I am abit undecisive on what to do with nr2 Guard.
I do not like that pose and will try to fix it, but don´t really know how


----------



## Doelago (Nov 29, 2009)

Wow... Thats brilliant... I have always wanted to see close up pics of an Landspeeders interior, and now you gave a few to me, and the details are great! I really like the paint job you gave it, it is absolutely perfect! And I like the action oriented poses of the Sanguinary Guard, and I cant wait to see them finished!


----------



## Advertise (Nov 18, 2009)

Guess it is time for an update.


----------



## Medic Marine (Jun 28, 2009)

:so_happy: Thats unreal stuff man, great work.


----------



## Advertise (Nov 18, 2009)

I have started on my Dreadnought now. 
This is still WIP thou, only basic stuff is done at this point.


----------



## BearsofLeon (Feb 6, 2010)

I love the sanguinary guard with the sword close to his chest. Reminds me of Final Fantasy.
Great stuff.


----------



## Advertise (Nov 18, 2009)

I have done some experiments with watery bases.
Here is my result sofar.


----------



## Advertise (Nov 18, 2009)

I just finished my first freehand on my Rhino.









I have just order a better camera.
So better pics will be coming soon.


----------



## Advertise (Nov 18, 2009)

Just got my new camera! 

I have been expermenting abit with settings and lightbox.

Result sofar.


----------



## Advertise (Nov 18, 2009)

*I took some new pictures now.*

Lets start with my Baal Predator:

























Next is an unfinished Land Speeder.

















The Rhino make an entrance!


















And lastly, my Dread.


----------



## GrimzagGorwazza (Aug 5, 2010)

very nice, the high contrast colours work really well.

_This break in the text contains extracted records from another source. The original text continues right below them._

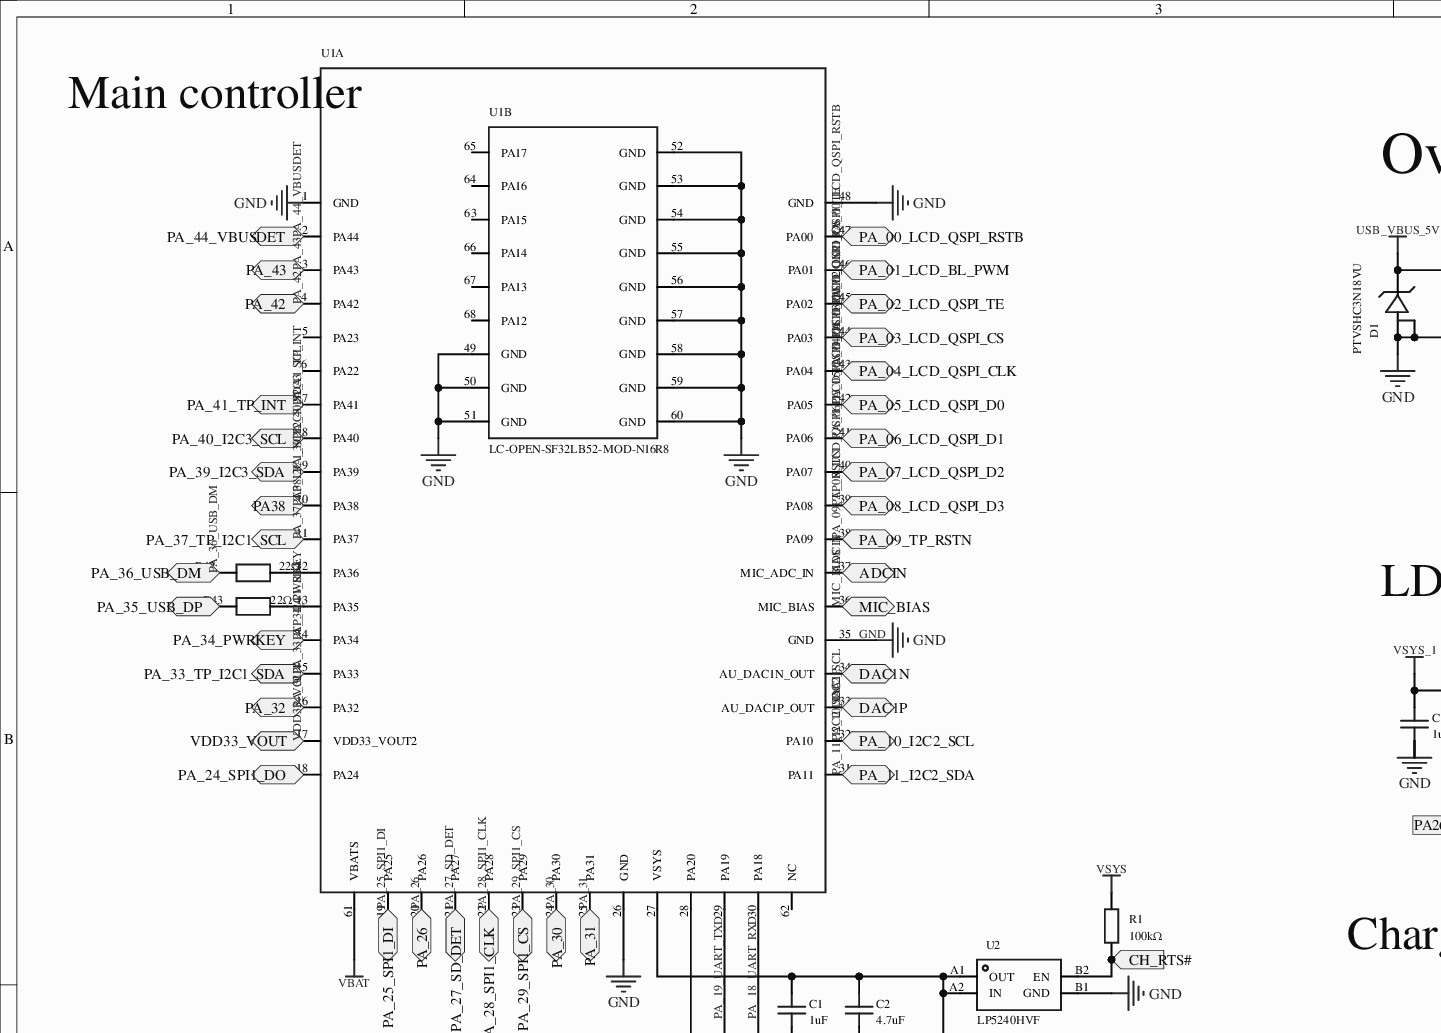
[diagram p0: MISC52032-3.schdoc, top left]
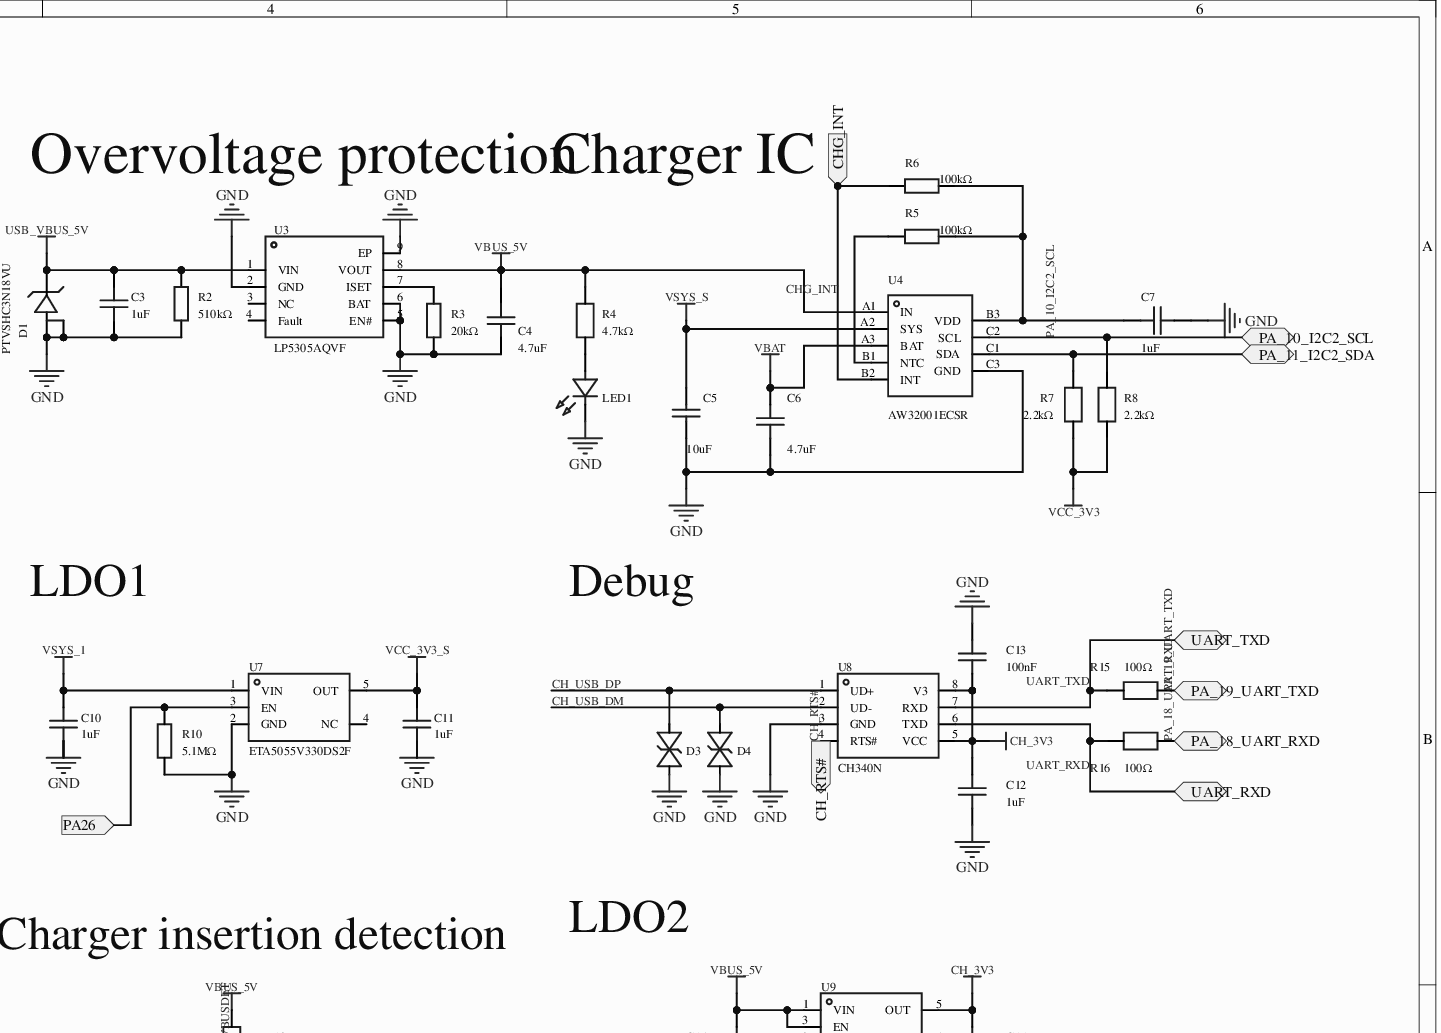
[diagram p1: MISC52032-3.schdoc, top right]
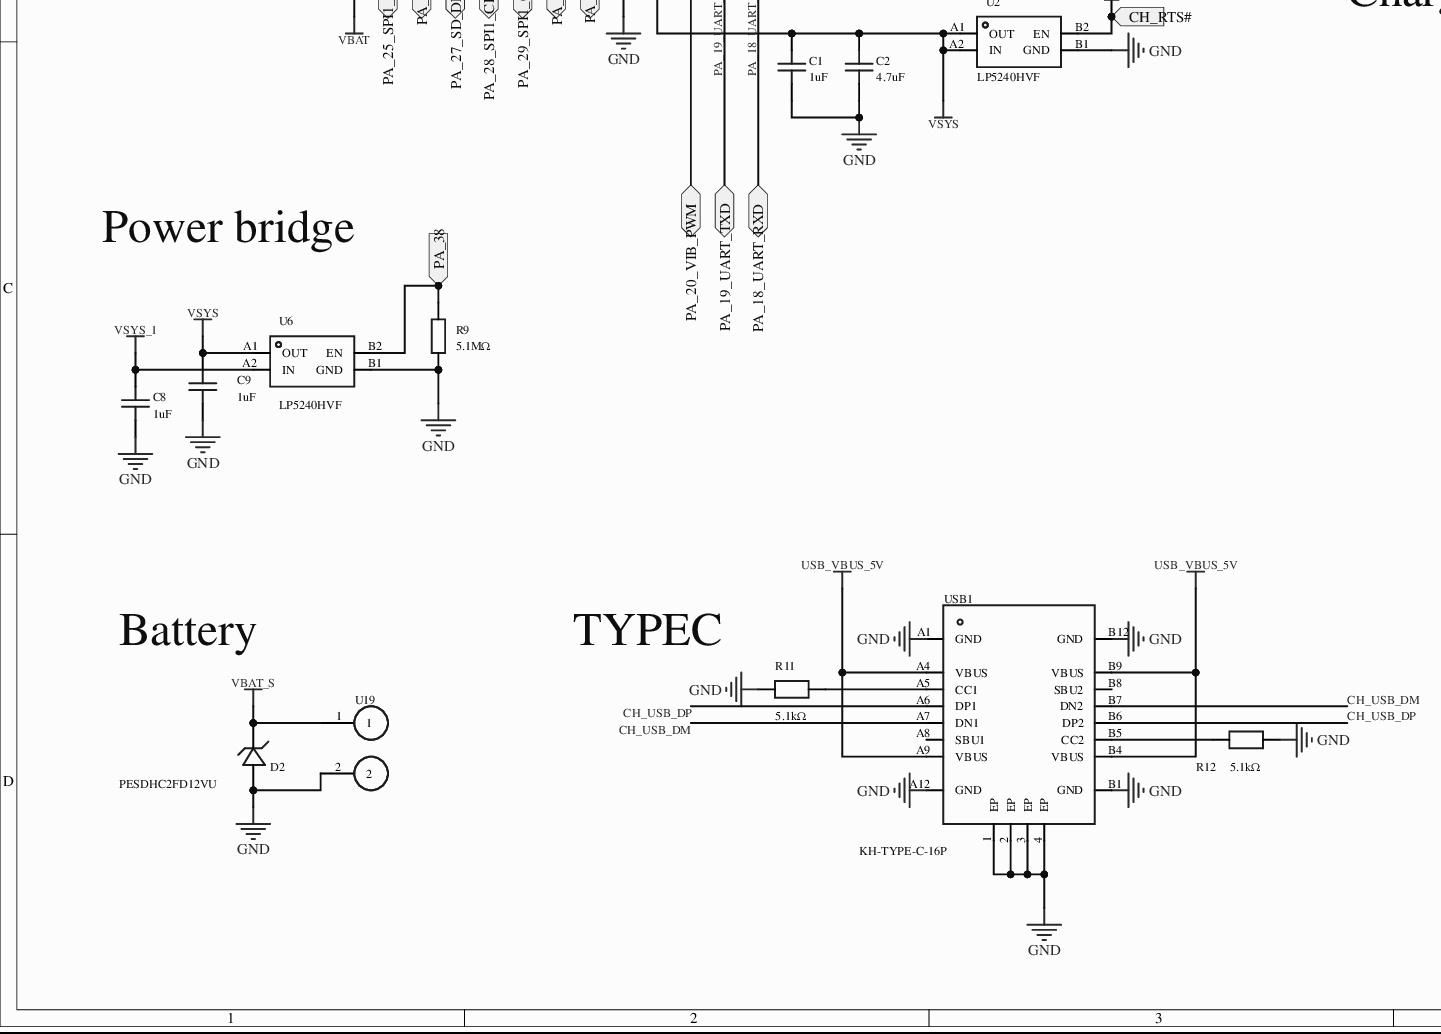
[diagram p2: MISC52032-3.schdoc, bottom left]
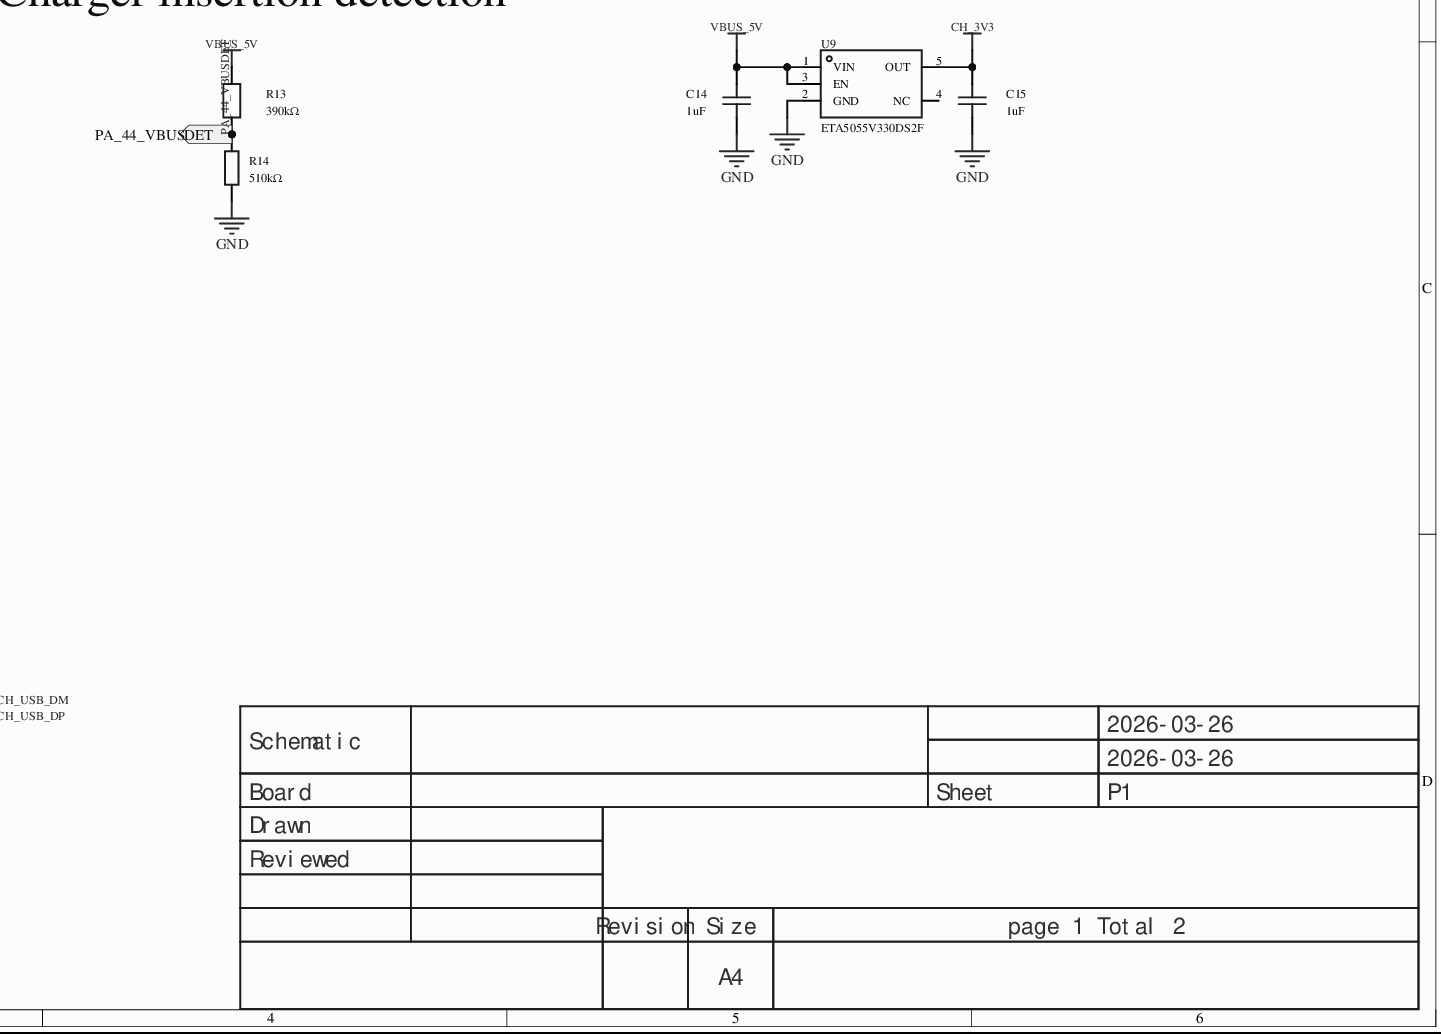
[diagram p3: MISC52032-3.schdoc, bottom right]
# Altium project MISC52032-2.PrjPcb (part 1 of 2)
2 sheets, 138 parts. Net scope: flat (ports and power ports of the same name join across sheets).
Board file: MISC52032.pcbdoc
Sheets:
  MISC52032-3.schdoc
  MISC52032-4.schdoc

## Sheet MISC52032-3.schdoc
size 420 x 297 mm; Version: V1.0; @Project Name: MISC52032; @Page Count: 2; @Update Date: 2026-03-26; @Create Date: 2026-03-26; @Schematic Name: MISC52032; @Page No: 1; @Board Name: MISC52032; @Create Time: 20:44:44; @Update Time: 20:59:57; Size: A4

### Parts
C1  1uF  [C0402]
C2  4.7uF  [C0402]
C3  1uF  [C0402]
C4  4.7uF  [C0402]
C5  10uF  [C0402]
C6  4.7uF  [C0402]
C7  1uF  [C0402]
C8  1uF  [C0402]
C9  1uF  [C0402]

I gotta admit i wasn't sold on the landspeeder until you put up the last picture, something about the way the engine was sat just didn't seem right but now with the cowling on it looks great. 
top marks.


----------



## Advertise (Nov 18, 2009)

Good thing it came out alright then Grimzag 

Now, let me introduce my *nearly *finished squad:
Ironhelms.









Going to toss up a better pic once it is done. (I experimented abit with light in this photo)


----------



## Advertise (Nov 18, 2009)

I have just started on my command chars now.
I would love some feedback on how to improve these models.
Things to think of, what to avoid etc. 

Only the red is done yet thou but I think you will get a general idea atleast.



















Oh btw.
How do you think I should handle the white?
Shade it with watered down grey, repaint the white or shade it with black (berhaps black wash)?

*oh. I am washing the steel with blue aswell (can´t be seen in this pics) to try and recreate a more natural steel look.
Anyone tried it before? Did it turn out alright?


----------



## Advertise (Nov 18, 2009)

Would also love your oppinion on these 2 cloaks.
Which one to go with?


----------



## Tossidin (Dec 10, 2008)

The brown cloak looks (in my opinion) better, though wery classic.
I think the white/grey/beige cloak has more potential, if it didn't have such stark contrasts. If you could pull it off with less stark shadows, I think it would look more interesting, as I think it makes a better contrast against the red armour


----------



## Advertise (Nov 18, 2009)

Yeah it might be abit to much with the dark brown shades. 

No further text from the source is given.